You have $N$ buckets and $N$ balls. What is the the expected number of filled buckets such that no $2$ adjacent buckets can be simultaneously filled? "Filled" here means the bucket has exactly $1$ ball. Each ball is placed in a non-adjacent random bucket one after the other.
First assume the buckets are arranged in a line. Next assume the buckets are arranged in a circle (basically the same as the line except the ends are now connected to each other).
I am totally lost on how to solve this problem. I wrote out a recursion, but it is very messy, and I don't think that's the right approach, nor do I know how to solve it and get a closed expression. I also tried finding a solution for a few small $N$'s to see if I could identify a pattern and try induction, but no luck.
Is there some trick that makes this problem simple/simpler?
Here is an example for the case where the buckets are arranged in a line. Consider $n=5$. If the first ball is placed in bucket $1$, then the second ball will either be placed in bucket $3,4,5$ with probability $\frac{1}{3}$. If the second ball is placed in the $3$rd bucket, then the $3$rd ball will be placed in the $5$th bucket.
Now consider the buckets arranged in a circle. So now bucket $1$ and $5$ are adjacent to each other. So the only possible ways to fill the buckets are filling buckets $(1,3)$, $(1,4)$, $(2,4)$, $(2,5)$, $(3,5)$.
I'm going to write out some basic work that I did. Consider the circular case. Let $S_N$ be a random variable denoting the number of filled buckets starting with $N$ empty buckets. The first ball can be placed in any of the $N$ buckets with probability $\frac{1}{N}$.
From the law of total expectation, and using $A_i$ to denote the event that the i-th bucket is chosen for the first ball, we have $$ E[S_N] = \sum_{i=1}^{N} E[S_N | A_i] P(A_i) \\ $$
By symmetry, we know $E[S_N | A_i] = E[S_N | A_j] \ \ \forall i,j$. Thus, $$ E[S_N] = E[S_N | A_1] = \ldots = E[S_N | A_N] \\ $$
Further, after placing the first ball in the i-th bucket, we have $N-3$ choices for the placement of the next ball. Based on this, I was originally (wrongly) thinking that the following is true: $$ E[S_N | A_1] = 1 + E[S_{N-3}] $$
However, this is not correct because I have defined $S_N$ to be the random variable for the number of filled buckets where the original $N$ empty buckets are arranged circularly. When we place the first ball, we are left with $N-3$ buckets, but the $N-3$ buckets are not arranged circularly. They are effectively arranged linearly. So we introduce $L_i$ to be the number of filled buckets when starting out with $i$ empty buckets arranged linearly.

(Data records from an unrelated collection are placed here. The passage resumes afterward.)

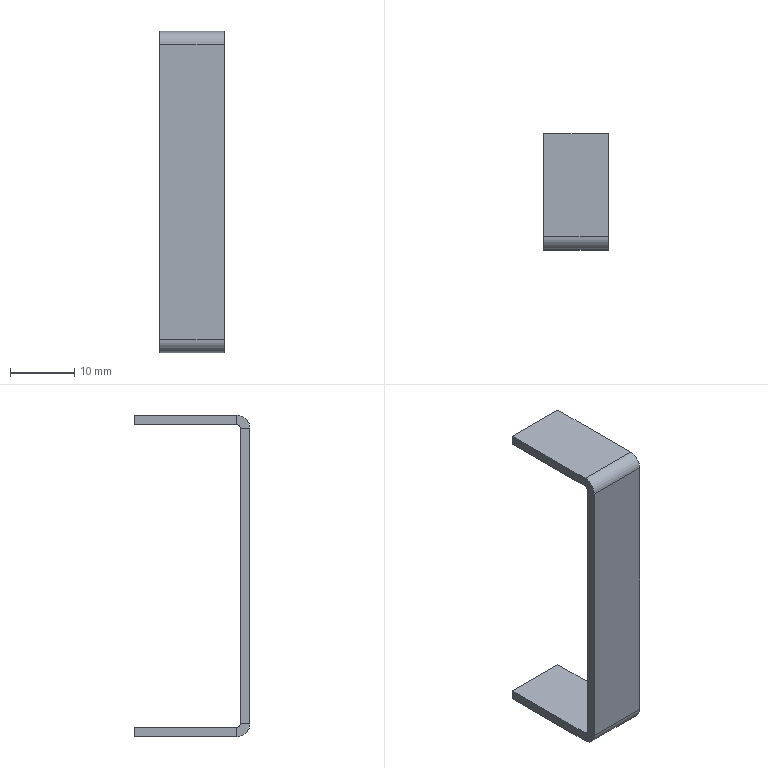Component | SolidWorks | OuterDoorAssembly1-1_CableSupportBracket-1 | 1 solid | 22 faces | box 10.01 x 18 x 50 mm | volume 1229 mm3 | plane 18 | cylinder 4 | commonest cylinder face diameters 4 x2 1 x2
STEP:
#1=CARTESIAN_POINT('',(17.943,6.43,12.714));
#2=VERTEX_POINT('',#1);
#3=CARTESIAN_POINT('',(17.943,6.489,12.714));
#4=VERTEX_POINT('',#3);
#5=CARTESIAN_POINT('',(17.943,6.43,12.714));
#6=DIRECTION('',(0.0003491,1.,-0.));
#7=VECTOR('',#6,39.37);
#8=LINE('',#5,#7);
#9=EDGE_CURVE('',#2,#4,#8,.T.);
#10=ORIENTED_EDGE('',*,*,#9,.F.);
#11=CARTESIAN_POINT('',(17.943,6.509,12.793));
#12=VERTEX_POINT('',#11);
#13=CARTESIAN_POINT('',(17.943,6.509,12.714));
#14=DIRECTION('',(1.,-0.0003491,0.));
#15=DIRECTION('',(-0.0003491,-1.,0.));
#16=AXIS2_PLACEMENT_3D('',#13,#14,#15);
#17=CIRCLE('',#16,0.07874);
#18=EDGE_CURVE('',#12,#2,#17,.T.);
#19=ORIENTED_EDGE('',*,*,#18,.F.);
#20=CARTESIAN_POINT('',(17.943,6.509,12.734));
#21=VERTEX_POINT('',#20);
#22=CARTESIAN_POINT('',(17.943,6.509,12.734));
#23=DIRECTION('',(-0.,0.,1.));
#24=VECTOR('',#23,39.37);
#25=LINE('',#22,#24);
#26=EDGE_CURVE('',#21,#12,#25,.T.);
#27=ORIENTED_EDGE('',*,*,#26,.F.);
#28=CARTESIAN_POINT('',(17.943,6.509,12.714));
#29=DIRECTION('',(1.,-0.0003491,0.));
#30=DIRECTION('',(-0.0003491,-1.,0.));
#31=AXIS2_PLACEMENT_3D('',#28,#29,#30);
#32=CIRCLE('',#31,0.01969);
#33=EDGE_CURVE('',#21,#4,#32,.T.);
#34=ORIENTED_EDGE('',*,*,#33,.T.);
#35=EDGE_LOOP('',(#10,#19,#27,#34));
#36=FACE_OUTER_BOUND('',#35,.T.);
#37=CARTESIAN_POINT('',(17.943,6.43,12.714));
#38=DIRECTION('',(-1.,0.0003491,-0.));
#39=DIRECTION('',(-0.0003491,-1.,0.));
#40=AXIS2_PLACEMENT_3D('',#37,#38,#39);
#41=PLANE('',#40);
#42=ADVANCED_FACE('',(#36),#41,.T.);
#43=CARTESIAN_POINT('',(17.943,6.43,10.903));
#44=VERTEX_POINT('',#43);
#45=CARTESIAN_POINT('',(17.943,6.43,12.793));
#46=DIRECTION('',(0.,-0.,-1.));
#47=VECTOR('',#46,39.37);
#48=LINE('',#45,#47);
#49=EDGE_CURVE('',#2,#44,#48,.T.);
#50=ORIENTED_EDGE('',*,*,#49,.F.);
#51=ORIENTED_EDGE('',*,*,#9,.T.);
#52=CARTESIAN_POINT('',(17.943,6.489,10.903));
#53=VERTEX_POINT('',#52);
#54=CARTESIAN_POINT('',(17.943,6.489,12.793));
#55=DIRECTION('',(0.,-0.,-1.));
#56=VECTOR('',#55,39.37);
#57=LINE('',#54,#56);
#58=EDGE_CURVE('',#4,#53,#57,.T.);
#59=ORIENTED_EDGE('',*,*,#58,.T.);
#60=CARTESIAN_POINT('',(17.943,6.489,10.903));
#61=DIRECTION('',(-0.0003491,-1.,0.));
#62=VECTOR('',#61,39.37);
#63=LINE('',#60,#62);
#64=EDGE_CURVE('',#53,#44,#63,.T.);
#65=ORIENTED_EDGE('',*,*,#64,.T.);
#66=EDGE_LOOP('',(#50,#51,#59,#65));
#67=FACE_OUTER_BOUND('',#66,.T.);
#68=CARTESIAN_POINT('',(17.943,6.509,12.734));
#69=DIRECTION('',(-1.,0.0003491,-0.));
#70=DIRECTION('',(-0.0003491,-1.,0.));
#71=AXIS2_PLACEMENT_3D('',#68,#69,#70);
#72=PLANE('',#71);
#73=ADVANCED_FACE('',(#67),#72,.T.);
#74=CARTESIAN_POINT('',(18.337,6.509,12.793));
#75=VERTEX_POINT('',#74);
#76=CARTESIAN_POINT('',(18.337,6.509,12.734));
#77=VERTEX_POINT('',#76);
#78=CARTESIAN_POINT('',(18.337,6.509,12.793));
#79=DIRECTION('',(0.,-0.,-1.));
#80=VECTOR('',#79,39.37);
#81=LINE('',#78,#80);
#82=EDGE_CURVE('',#75,#77,#81,.T.);
#83=ORIENTED_EDGE('',*,*,#82,.F.);
#84=CARTESIAN_POINT('',(18.337,6.43,12.714));
#85=VERTEX_POINT('',#84);
#86=CARTESIAN_POINT('',(18.337,6.509,12.714));
#87=DIRECTION('',(1.,-0.0003491,0.));
#88=DIRECTION('',(-0.0003491,-1.,0.));
#89=AXIS2_PLACEMENT_3D('',#86,#87,#88);
#90=CIRCLE('',#89,0.07874);
#91=EDGE_CURVE('',#75,#85,#90,.T.);
#92=ORIENTED_EDGE('',*,*,#91,.T.);
#93=CARTESIAN_POINT('',(18.337,6.489,12.714));
#94=VERTEX_POINT('',#93);
#95=CARTESIAN_POINT('',(18.337,6.489,12.714));
#96=DIRECTION('',(-0.0003491,-1.,0.));
#97=VECTOR('',#96,39.37);
#98=LINE('',#95,#97);
#99=EDGE_CURVE('',#94,#85,#98,.T.);
#100=ORIENTED_EDGE('',*,*,#99,.F.);
#101=CARTESIAN_POINT('',(18.337,6.509,12.714));
#102=DIRECTION('',(1.,-0.0003491,0.));
#103=DIRECTION('',(-0.0003491,-1.,0.));
#104=AXIS2_PLACEMENT_3D('',#101,#102,#103);
#105=CIRCLE('',#104,0.01969);
#106=EDGE_CURVE('',#77,#94,#105,.T.);
#107=ORIENTED_EDGE('',*,*,#106,.F.);
#108=EDGE_LOOP('',(#83,#92,#100,#107));
#109=FACE_OUTER_BOUND('',#108,.T.);
#110=CARTESIAN_POINT('',(18.337,6.509,12.793));
#111=DIRECTION('',(1.,-0.0003491,0.));
#112=DIRECTION('',(0.0003491,1.,-0.));
#113=AXIS2_PLACEMENT_3D('',#110,#111,#112);
#114=PLANE('',#113);
#115=ADVANCED_FACE('',(#109),#114,.T.);
#116=CARTESIAN_POINT('',(18.337,7.139,12.793));
#117=VERTEX_POINT('',#116);
#118=CARTESIAN_POINT('',(18.337,7.139,12.793));
#119=DIRECTION('',(-0.0003491,-1.,0.));
#120=VECTOR('',#119,39.37);
#121=LINE('',#118,#120);
#122=EDGE_CURVE('',#117,#75,#121,.T.);
#123=ORIENTED_EDGE('',*,*,#122,.T.);
#124=ORIENTED_EDGE('',*,*,#82,.T.);
#125=CARTESIAN_POINT('',(18.337,7.139,12.734));
#126=VERTEX_POINT('',#125);
#127=CARTESIAN_POINT('',(18.337,7.139,12.734));
#128=DIRECTION('',(-0.0003491,-1.,0.));
#129=VECTOR('',#128,39.37);
#130=LINE('',#127,#129);
#131=EDGE_CURVE('',#126,#77,#130,.T.);
#132=ORIENTED_EDGE('',*,*,#131,.F.);
#133=CARTESIAN_POINT('',(18.337,7.139,12.734));
#134=DIRECTION('',(-0.,0.,1.));
#135=VECTOR('',#134,39.37);
#136=LINE('',#133,#135);
#137=EDGE_CURVE('',#126,#117,#136,.T.);
#138=ORIENTED_EDGE('',*,*,#137,.T.);
#139=EDGE_LOOP('',(#123,#124,#132,#138));
#140=FACE_OUTER_BOUND('',#139,.T.);
#141=CARTESIAN_POINT('',(18.337,6.489,12.714));
#142=DIRECTION('',(1.,-0.0003491,0.));
#143=DIRECTION('',(0.0003491,1.,-0.));
#144=AXIS2_PLACEMENT_3D('',#141,#142,#143);
#145=PLANE('',#144);
#146=ADVANCED_FACE('',(#140),#145,.T.);
#147=CARTESIAN_POINT('',(17.943,6.509,10.824));
#148=VERTEX_POINT('',#147);
#149=CARTESIAN_POINT('',(17.943,6.509,10.883));
#150=VERTEX_POINT('',#149);
#151=CARTESIAN_POINT('',(17.943,6.509,10.824));
#152=DIRECTION('',(-0.,0.,1.));
#153=VECTOR('',#152,39.37);
#154=LINE('',#151,#153);
#155=EDGE_CURVE('',#148,#150,#154,.T.);
#156=ORIENTED_EDGE('',*,*,#155,.F.);
#157=CARTESIAN_POINT('',(17.943,6.509,10.903));
#158=DIRECTION('',(1.,-0.0003491,0.));
#159=DIRECTION('',(-0.0003491,-1.,0.));
#160=AXIS2_PLACEMENT_3D('',#157,#158,#159);
#161=CIRCLE('',#160,0.07874);
#162=EDGE_CURVE('',#44,#148,#161,.T.);
#163=ORIENTED_EDGE('',*,*,#162,.F.);
#164=ORIENTED_EDGE('',*,*,#64,.F.);
#165=CARTESIAN_POINT('',(17.943,6.509,10.903));
#166=DIRECTION('',(1.,-0.0003491,0.));
#167=DIRECTION('',(-0.0003491,-1.,0.));
#168=AXIS2_PLACEMENT_3D('',#165,#166,#167);
#169=CIRCLE('',#168,0.01969);
#170=EDGE_CURVE('',#53,#150,#169,.T.);
#171=ORIENTED_EDGE('',*,*,#170,.T.);
#172=EDGE_LOOP('',(#156,#163,#164,#171));
#173=FACE_OUTER_BOUND('',#172,.T.);
#174=CARTESIAN_POINT('',(17.943,6.509,10.824));
#175=DIRECTION('',(-1.,0.0003491,-0.));
#176=DIRECTION('',(-0.0003491,-1.,0.));
#177=AXIS2_PLACEMENT_3D('',#174,#175,#176);
#178=PLANE('',#177);
#179=ADVANCED_FACE('',(#173),#178,.T.);
#180=CARTESIAN_POINT('',(17.944,7.139,10.824));
#181=VERTEX_POINT('',#180);
#182=CARTESIAN_POINT('',(17.943,6.43,10.824));
#183=DIRECTION('',(0.0003491,1.,-0.));
#184=VECTOR('',#183,39.37);
#185=LINE('',#182,#184);
#186=EDGE_CURVE('',#148,#181,#185,.T.);
#187=ORIENTED_EDGE('',*,*,#186,.F.);
#188=ORIENTED_EDGE('',*,*,#155,.T.);
#189=CARTESIAN_POINT('',(17.944,7.139,10.883));
#190=VERTEX_POINT('',#189);
#191=CARTESIAN_POINT('',(17.943,6.43,10.883));
#192=DIRECTION('',(0.0003491,1.,-0.));
#193=VECTOR('',#192,39.37);
#194=LINE('',#191,#193);
#195=EDGE_CURVE('',#150,#190,#194,.T.);
#196=ORIENTED_EDGE('',*,*,#195,.T.);
#197=CARTESIAN_POINT('',(17.944,7.139,10.824));
#198=DIRECTION('',(-0.,0.,1.));
#199=VECTOR('',#198,39.37);
#200=LINE('',#197,#199);
#201=EDGE_CURVE('',#181,#190,#200,.T.);
#202=ORIENTED_EDGE('',*,*,#201,.F.);
#203=EDGE_LOOP('',(#187,#188,#196,#202));
#204=FACE_OUTER_BOUND('',#203,.T.);
#205=CARTESIAN_POINT('',(17.943,6.489,10.903));
#206=DIRECTION('',(-1.,0.0003491,-0.));
#207=DIRECTION('',(-0.0003491,-1.,0.));
#208=AXIS2_PLACEMENT_3D('',#205,#206,#207);
#209=PLANE('',#208);
#210=ADVANCED_FACE('',(#204),#209,.T.);
#211=CARTESIAN_POINT('',(18.337,6.43,10.903));
#212=VERTEX_POINT('',#211);
#213=CARTESIAN_POINT('',(18.337,6.489,10.903));
#214=VERTEX_POINT('',#213);
#215=CARTESIAN_POINT('',(18.337,6.43,10.903));
#216=DIRECTION('',(0.0003491,1.,-0.));
#217=VECTOR('',#216,39.37);
#218=LINE('',#215,#217);
#219=EDGE_CURVE('',#212,#214,#218,.T.);
#220=ORIENTED_EDGE('',*,*,#219,.F.);
#221=CARTESIAN_POINT('',(18.337,6.509,10.824));
#222=VERTEX_POINT('',#221);
#223=CARTESIAN_POINT('',(18.337,6.509,10.903));
#224=DIRECTION('',(1.,-0.0003491,0.));
#225=DIRECTION('',(-0.0003491,-1.,0.));
#226=AXIS2_PLACEMENT_3D('',#223,#224,#225);
#227=CIRCLE('',#226,0.07874);
#228=EDGE_CURVE('',#212,#222,#227,.T.);
#229=ORIENTED_EDGE('',*,*,#228,.T.);
#230=CARTESIAN_POINT('',(18.337,6.509,10.883));
#231=VERTEX_POINT('',#230);
#232=CARTESIAN_POINT('',(18.337,6.509,10.883));
#233=DIRECTION('',(0.,-0.,-1.));
#234=VECTOR('',#233,39.37);
#235=LINE('',#232,#234);
#236=EDGE_CURVE('',#231,#222,#235,.T.);
#237=ORIENTED_EDGE('',*,*,#236,.F.);
#238=CARTESIAN_POINT('',(18.337,6.509,10.903));
#239=DIRECTION('',(1.,-0.0003491,0.));
#240=DIRECTION('',(-0.0003491,-1.,0.));
#241=AXIS2_PLACEMENT_3D('',#238,#239,#240);
#242=CIRCLE('',#241,0.01969);
#243=EDGE_CURVE('',#214,#231,#242,.T.);
#244=ORIENTED_EDGE('',*,*,#243,.F.);
#245=EDGE_LOOP('',(#220,#229,#237,#244));
#246=FACE_OUTER_BOUND('',#245,.T.);
#247=CARTESIAN_POINT('',(18.337,6.43,10.903));
#248=DIRECTION('',(1.,-0.0003491,0.));
#249=DIRECTION('',(0.0003491,1.,-0.));
#250=AXIS2_PLACEMENT_3D('',#247,#248,#249);
#251=PLANE('',#250);
#252=ADVANCED_FACE('',(#246),#251,.T.);
#253=CARTESIAN_POINT('',(18.337,6.43,12.793));
#254=DIRECTION('',(0.,-0.,-1.));
#255=VECTOR('',#254,39.37);
#256=LINE('',#253,#255);
#257=EDGE_CURVE('',#85,#212,#256,.T.);
#258=ORIENTED_EDGE('',*,*,#257,.T.);
#259=ORIENTED_EDGE('',*,*,#219,.T.);
#260=CARTESIAN_POINT('',(18.337,6.489,12.793));
#261=DIRECTION('',(0.,-0.,-1.));
#262=VECTOR('',#261,39.37);
#263=LINE('',#260,#262);
#264=EDGE_CURVE('',#94,#214,#263,.T.);
#265=ORIENTED_EDGE('',*,*,#264,.F.);
#266=ORIENTED_EDGE('',*,*,#99,.T.);
#267=EDGE_LOOP('',(#258,#259,#265,#266));
#268=FACE_OUTER_BOUND('',#267,.T.);
#269=CARTESIAN_POINT('',(18.337,6.509,10.883));
#270=DIRECTION('',(1.,-0.0003491,0.));
#271=DIRECTION('',(0.0003491,1.,-0.));
#272=AXIS2_PLACEMENT_3D('',#269,#270,#271);
#273=PLANE('',#272);
#274=ADVANCED_FACE('',(#268),#273,.T.);
#275=CARTESIAN_POINT('',(18.337,7.139,10.883));
#276=VERTEX_POINT('',#275);
#277=CARTESIAN_POINT('',(18.337,6.43,10.883));
#278=DIRECTION('',(0.0003491,1.,-0.));
#279=VECTOR('',#278,39.37);
#280=LINE('',#277,#279);
#281=EDGE_CURVE('',#231,#276,#280,.T.);
#282=ORIENTED_EDGE('',*,*,#281,.T.);
#283=CARTESIAN_POINT('',(17.944,7.139,10.883));
#284=DIRECTION('',(1.,-0.0003491,0.));
#285=VECTOR('',#284,39.37);
#286=LINE('',#283,#285);
#287=EDGE_CURVE('',#190,#276,#286,.T.);
#288=ORIENTED_EDGE('',*,*,#287,.F.);
#289=ORIENTED_EDGE('',*,*,#195,.F.);
#290=CARTESIAN_POINT('',(17.943,6.509,10.883));
#291=DIRECTION('',(1.,-0.0003491,0.));
#292=VECTOR('',#291,39.37);
#293=LINE('',#290,#292);
#294=EDGE_CURVE('',#150,#231,#293,.T.);
#295=ORIENTED_EDGE('',*,*,#294,.T.);
#296=EDGE_LOOP('',(#282,#288,#289,#295));
#297=FACE_OUTER_BOUND('',#296,.T.);
#298=CARTESIAN_POINT('',(17.943,6.43,10.883));
#299=DIRECTION('',(0.,-0.,-1.));
#300=DIRECTION('',(1.,-0.0003491,0.));
#301=AXIS2_PLACEMENT_3D('',#298,#299,#300);
#302=PLANE('',#301);
#303=ADVANCED_FACE('',(#297),#302,.F.);
#304=CARTESIAN_POINT('',(18.337,7.139,10.824));
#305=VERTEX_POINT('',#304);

Then we can write $$ E[S_N | A_1] = E[L_{N-3}] \\ E[S_N] = 1 + E[L_{N-3}] $$
Based on this and using this approach, it seems the circular problem is coupled to the linear problem.
Note that I have disregarded the number of balls remaining (or the number of balls available to be placed for a given number of empty buckets) because it is guaranteed that we will run out of available buckets before we run out of balls.
Now consider the linear case. The law of total expectation yields the same equation $$ E[L_N] = \sum_{i=1}^{N} E[L_N | A_i] P(A_i) \\ $$
But now, a symmetry argument for $E[L_N | A_i]$ no longer holds. If the first ball is placed in the i-th bucket, then we have 2 subproblems to recurse on. The valid buckets to the left and right of the i-th bucket. Specifically we have $\max(0, i - 2)$ valid buckets to the left and $\max(0, N- i - 1)$ valid buckets to the right. Valid here means that the next ball is able to be placed in any of the buckets.
So $$ E[L_N | A_i] = 1 + E[L_{\max(0,i - 2)}] + E[L_{\max(0, n - i - 1)}] $$
and $$ E[L_N] = \sum_{i=1}^{N} (1 + E[L_{\max(0,i - 2)}] + E[L_{\max(0, n - i - 1)}]) P(A_i) \\ = 1 + P(A_1)\sum_{i=1}^{N} E[L_{\max(0,i - 2)}] + E[L_{\max(0, n - i - 1)}] $$
We have the following boundary condition: $L_0 = 0$.